Thursday, 31 March 2016

March 31st Norwich

The Heron is back!!
Guess who's back! It has been a while since I saw this heron on the roof of my neighbour across the street from me, a year in fact. I heard a commotion outside my living room while I was on my computer around 7:30 this morning with the sound of herring gulls. I looked out of my window and I saw the heron standing there for a couple of minutes before flying away. Just like last year, I still have no idea why it is there. Maybe its a viewpoint to find somewhere to fish or maybe there is a fish pond in someone's garden behind the house? Who knows!

Wednesday, 30 March 2016

March 30th Strumpshaw Fen

I arrived at Strumpshaw as the sun was beginning to warm up the reserve after a night of heavy rain. Despite the clouds blocking it out now and then which gave the air a slight chill, it was still a warm sunny day. The birds were singing proudly including reed buntings, wrens, chiffchaffs and even a drumming great spotted woodpecker. I walked down to the sluice gates along the river, where it was muddy in places due to last night's downpour.

Reed Bunting
Long-tailed Tit
Great Crested Grebe
Mute Swan
Cetti's Warbler (17)
My mission to find the Strumpshaw 40 continues. I still have hares and owls on the brain, but today I decided to look for Cetti's warblers. You can easily tick them off the sheet just for their call alone, but I wanted more than that. I want to get a photo of each species on the Strumpshaw 40 challenge sheet and Cetti's warblers are elusive, spending most of their time in the reedbeds. Fortunately, they are much easier to see right now as they show themselves more while claiming their territories with their loud, shouty, explosive calls. "Chee! Chewee! Chewechewechewewewe!" They are reddish brown with a grey breast, a narrow pale stripe above the eye and a broad rounded tail. Just listen out for that call and you should locate them easily in a bush. I found this one around the sluices where it was showing well for a moment before vanishing again into the vegetation.

Marsh Harrier
From both Fen and Reception Hides, marsh harriers were everywhere. You just couldn't ignore them! I counted about 7-8 in the air together at one time, all swooping around close to each other. I saw skydancing males plunge up and down like a yo-yo, calling loudly while doing so to attract a mate. It seems to be working as the females joined them, flying almost wingtip to wingtip to one another with a couple of talon dangling displays added to the mix.
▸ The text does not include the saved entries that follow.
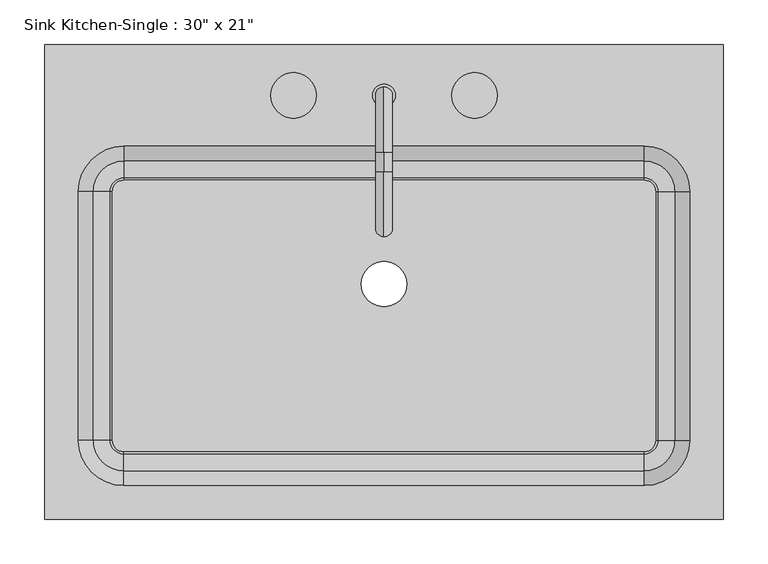
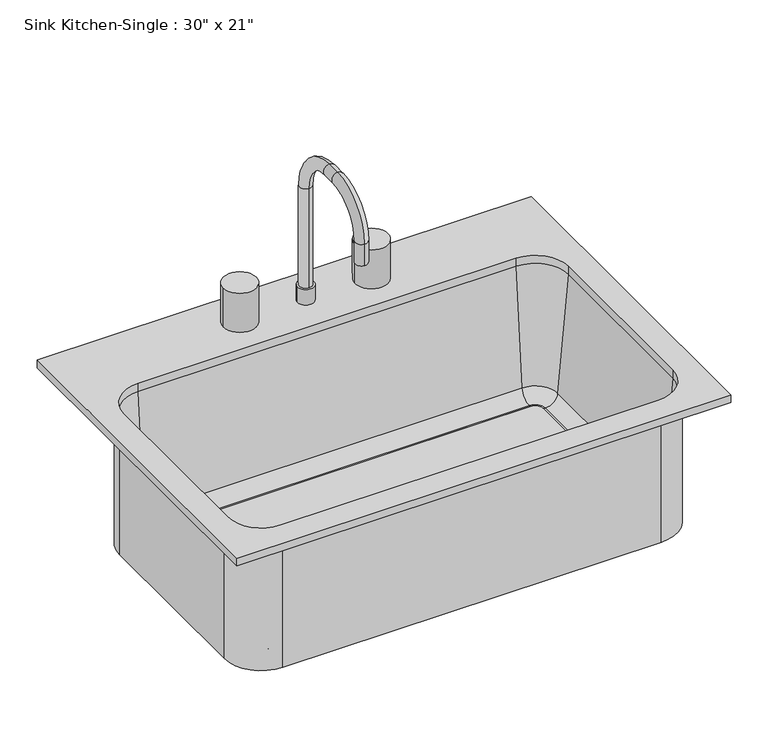
"""IFC4 building model written with IfcOpenShell, lengths in millimetres: flow terminal geometry."""

from ifc_helpers import new_model, si_unit, point, frame, frame_2d, origin, place, context, project, spatial, polyline, circle_curve, ellipse_curve, trimmed, segment, composite_curve, outline, extrude, source, transform, mapped, element, save
from ifc_brep_helpers import plane_surface, cylinder_surface, revolved_surface, advanced_brep


def flow_terminal_4d548711(model_context):
    return source(origin(), model_context, "Body", "SolidModel", [
        extrude(outline(composite_curve([segment(trimmed(circle_curve(frame_2d((307.7892406, 103.9454011)), 12.7), [point((307.7892406, 116.6454011))], [point((320.4892406, 103.9454011))], False, "CARTESIAN"), True, "CONTINUOUS"), segment(polyline([(320.4892406, 103.9454011), (320.4892406, -175.4545989)]), True, "CONTINUOUS"), segment(trimmed(circle_curve(frame_2d((307.7892406, -175.4545989)), 12.7), [point((320.4892406, -175.4545989))], [point((307.7892406, -188.1545989))], False, "CARTESIAN"), True, "CONTINUOUS"), segment(polyline([(307.7892406, -188.1545989), (-276.4107594, -188.1545989)]), True, "CONTINUOUS"), segment(trimmed(circle_curve(frame_2d((-276.4107594, -175.4545989)), 12.7), [point((-276.4107594, -188.1545989))], [point((-289.1107594, -175.4545989))], False, "CARTESIAN"), True, "CONTINUOUS"), segment(polyline([(-289.1107594, -175.4545989), (-289.1107594, 103.9454011)]), True, "CONTINUOUS"), segment(trimmed(circle_curve(frame_2d((-276.4107594, 103.9454011)), 12.7), [point((-289.1107594, 103.9454011))], [point((-276.4107594, 116.6454011))], False, "CARTESIAN"), True, "CONTINUOUS"), segment(polyline([(-276.4107594, 116.6454011), (307.7892406, 116.6454011)]), True, "CONTINUOUS")], self_intersect=False), holes=[composite_curve([segment(trimmed(circle_curve(frame_2d((15.6892406, 0.0)), 25.4), [point((-9.7107594, 0.0))], [point((41.0892406, 0.0))], True, "CARTESIAN"), True, "CONTINUOUS"), segment(trimmed(circle_curve(frame_2d((15.6892406, 0.0)), 25.4), [point((41.0892406, 0.0))], [point((-9.7107594, 0.0))], True, "CARTESIAN"), True, "CONTINUOUS")], self_intersect=False)]), frame((0.0, 0.0, 698.5), z_axis=(0.0, 0.0, 1.0), x_axis=(1.0, 0.0, 0.0)), (0.0, 0.0, 1.0), 9.525),
        extrude(outline(composite_curve([segment(trimmed(circle_curve(frame_2d((-85.9107594, 211.8954011)), 25.4), [point((-111.3107594, 211.8954011))], [point((-60.5107594, 211.8954011))], False, "CARTESIAN"), True, "CONTINUOUS"), segment(trimmed(circle_curve(frame_2d((-85.9107594, 211.8954011)), 25.4), [point((-60.5107594, 211.8954011))], [point((-111.3107594, 211.8954011))], False, "CARTESIAN"), True, "CONTINUOUS")], self_intersect=False)), frame((0.0, 0.0, 927.1), z_axis=(0.0, 0.0, 1.0), x_axis=(1.0, 0.0, 0.0)), (0.0, 0.0, 1.0), 63.5),
        extrude(outline(composite_curve([segment(trimmed(circle_curve(frame_2d((117.2892406, 211.8954011)), 25.4), [point((91.8892406, 211.8954011))], [point((142.6892406, 211.8954011))], False, "CARTESIAN"), True, "CONTINUOUS"), segment(trimmed(circle_curve(frame_2d((117.2892406, 211.8954011)), 25.4), [point((142.6892406, 211.8954011))], [point((91.8892406, 211.8954011))], False, "CARTESIAN"), True, "CONTINUOUS")], self_intersect=False)), frame((0.0, 0.0, 927.1), z_axis=(0.0, 0.0, 1.0), x_axis=(1.0, 0.0, 0.0)), (0.0, 0.0, 1.0), 63.5),
        advanced_brep(
        [(2.9892406, 211.8954011, 927.1), (28.3892406, 211.8954011, 927.1), (15.6892406, 221.4204011, 1114.425), (15.6892406, 202.3704011, 1114.425), (15.6892406, 202.3704011, 952.5), (15.6892406, 221.4204011, 952.5), (15.6892406, 148.3954011, 1187.45), (15.6892406, 148.3954011, 1168.4), (15.6892406, 126.1704011, 1187.45), (15.6892406, 126.1704011, 1168.4), (15.6892406, 53.1454011, 1114.425), (15.6892406, 72.1954011, 1114.425), (15.6892406, 53.1454011, 1079.5), (15.6892406, 72.1954011, 1079.5), (2.9892406, 211.8954011, 952.5), (28.3892406, 211.8954011, 952.5)],
        [
            (0, 1, circle_curve(frame((15.6892406, 211.8954011, 927.1), z_axis=(0.0, 0.0, -1.0), x_axis=(1.0, 0.0, 0.0)), 12.7)),
            (1, 0, circle_curve(frame((15.6892406, 211.8954011, 927.1), z_axis=(0.0, 0.0, -1.0), x_axis=(1.0, 0.0, 0.0)), 12.7)),
            (2, 3, circle_curve(frame((15.6892406, 211.8954011, 1114.425), z_axis=(0.0, 0.0, -1.0), x_axis=(0.0, -1.0, 0.0)), 9.525)),
            (3, 4),
            (4, 5, circle_curve(frame((15.6892406, 211.8954011, 952.5), z_axis=(0.0, 0.0, 1.0), x_axis=(0.0, -1.0, 0.0)), 9.525)),
            (5, 2),
            (3, 2, circle_curve(frame((15.6892406, 211.8954011, 1114.425), z_axis=(0.0, 0.0, -1.0), x_axis=(0.0, -1.0, 0.0)), 9.525)),
            (5, 4, circle_curve(frame((15.6892406, 211.8954011, 952.5), z_axis=(0.0, 0.0, 1.0), x_axis=(0.0, -1.0, 0.0)), 9.525)),
            (2, 6, circle_curve(frame((15.6892406, 148.3954011, 1114.425), z_axis=(1.0, 0.0, 0.0), x_axis=(0.0, 1.0, 0.0)), 73.025)),
            (6, 7, circle_curve(frame((15.6892406, 148.3954011, 1177.925), z_axis=(0.0, 1.0, 0.0), x_axis=(0.0, 0.0, -1.0)), 9.525)),
            (7, 3, circle_curve(frame((15.6892406, 148.3954011, 1114.425), z_axis=(-1.0, 0.0, 0.0), x_axis=(0.0, 1.0, 0.0)), 53.975)),
            (7, 6, circle_curve(frame((15.6892406, 148.3954011, 1177.925), z_axis=(0.0, 1.0, 0.0), x_axis=(0.0, 0.0, -1.0)), 9.525)),
            (6, 8),
            (8, 9, circle_curve(frame((15.6892406, 126.1704011, 1177.925), z_axis=(0.0, 1.0, 0.0), x_axis=(0.0, 0.0, -1.0)), 9.525)),
            (9, 7),
            (9, 8, circle_curve(frame((15.6892406, 126.1704011, 1177.925), z_axis=(0.0, 1.0, 0.0), x_axis=(0.0, 0.0, -1.0)), 9.525)),
            (8, 10, circle_curve(frame((15.6892406, 126.1704011, 1114.425), z_axis=(1.0, 0.0, 0.0), x_axis=(0.0, 0.0, 1.0)), 73.025)),
            (10, 11, circle_curve(frame((15.6892406, 62.6704011, 1114.425), z_axis=(0.0, 0.0, 1.0), x_axis=(0.0, 1.0, 0.0)), 9.525)),
            (11, 9, circle_curve(frame((15.6892406, 126.1704011, 1114.425), z_axis=(-1.0, 0.0, 0.0), x_axis=(0.0, 0.0, 1.0)), 53.975)),
            (11, 10, circle_curve(frame((15.6892406, 62.6704011, 1114.425), z_axis=(0.0, 0.0, 1.0), x_axis=(0.0, 1.0, 0.0)), 9.525)),
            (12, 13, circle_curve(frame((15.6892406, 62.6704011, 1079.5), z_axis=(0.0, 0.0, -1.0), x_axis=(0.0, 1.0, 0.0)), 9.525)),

Coot collecting nesting material
There is some sad news about the greylag nest at Reception Hide. The greylags have abandoned their eggs shortly after I left on Saturday and they have been predated, while the nest is now almost submerged in the high water levels due to the rain this week. Meanwhile, the coots have started building yet another nest even closer to the hide. One of them (possibly the male) was fetching nesting materials to the nest from quite a distance and it was funny watching it drag a piece of reed from one end of the shore and taking it the long way around back to its partner at the nest. I also saw a Chinese water deer and a kestrel this morning.

Female at the nest

Black-headed Gulls
Chinese Water Deer
Common Lizard (18)
After lunch, I went for another walk around the reserve. As it was warm enough out in the sun, I thought it was perfect conditions for my next Strumpshaw 40 target, the common lizard, to bask in. The best place to see them is the wooden border along the Sandy Wall path. After some searching, I managed to find just the one individual. But I found more than just this one lizard along the Sandy Wall. Tawny miner bees were making the most of the warm sun by mating and creating burrows for their eggs in the sandy soil before their short lives come to an end. A peacock butterfly and some hoverflies were feeding on the coltsfoot that carpeted the sides of the path with bright yellow flowerheads. I also found a gathering of these shiny beetles, which I have found out that they were alder leaf beetles. There is still no sign of any hares, weasels or barn owls today, but they have all been reported with sightings this week. I wonder if I will get lucky with them soon?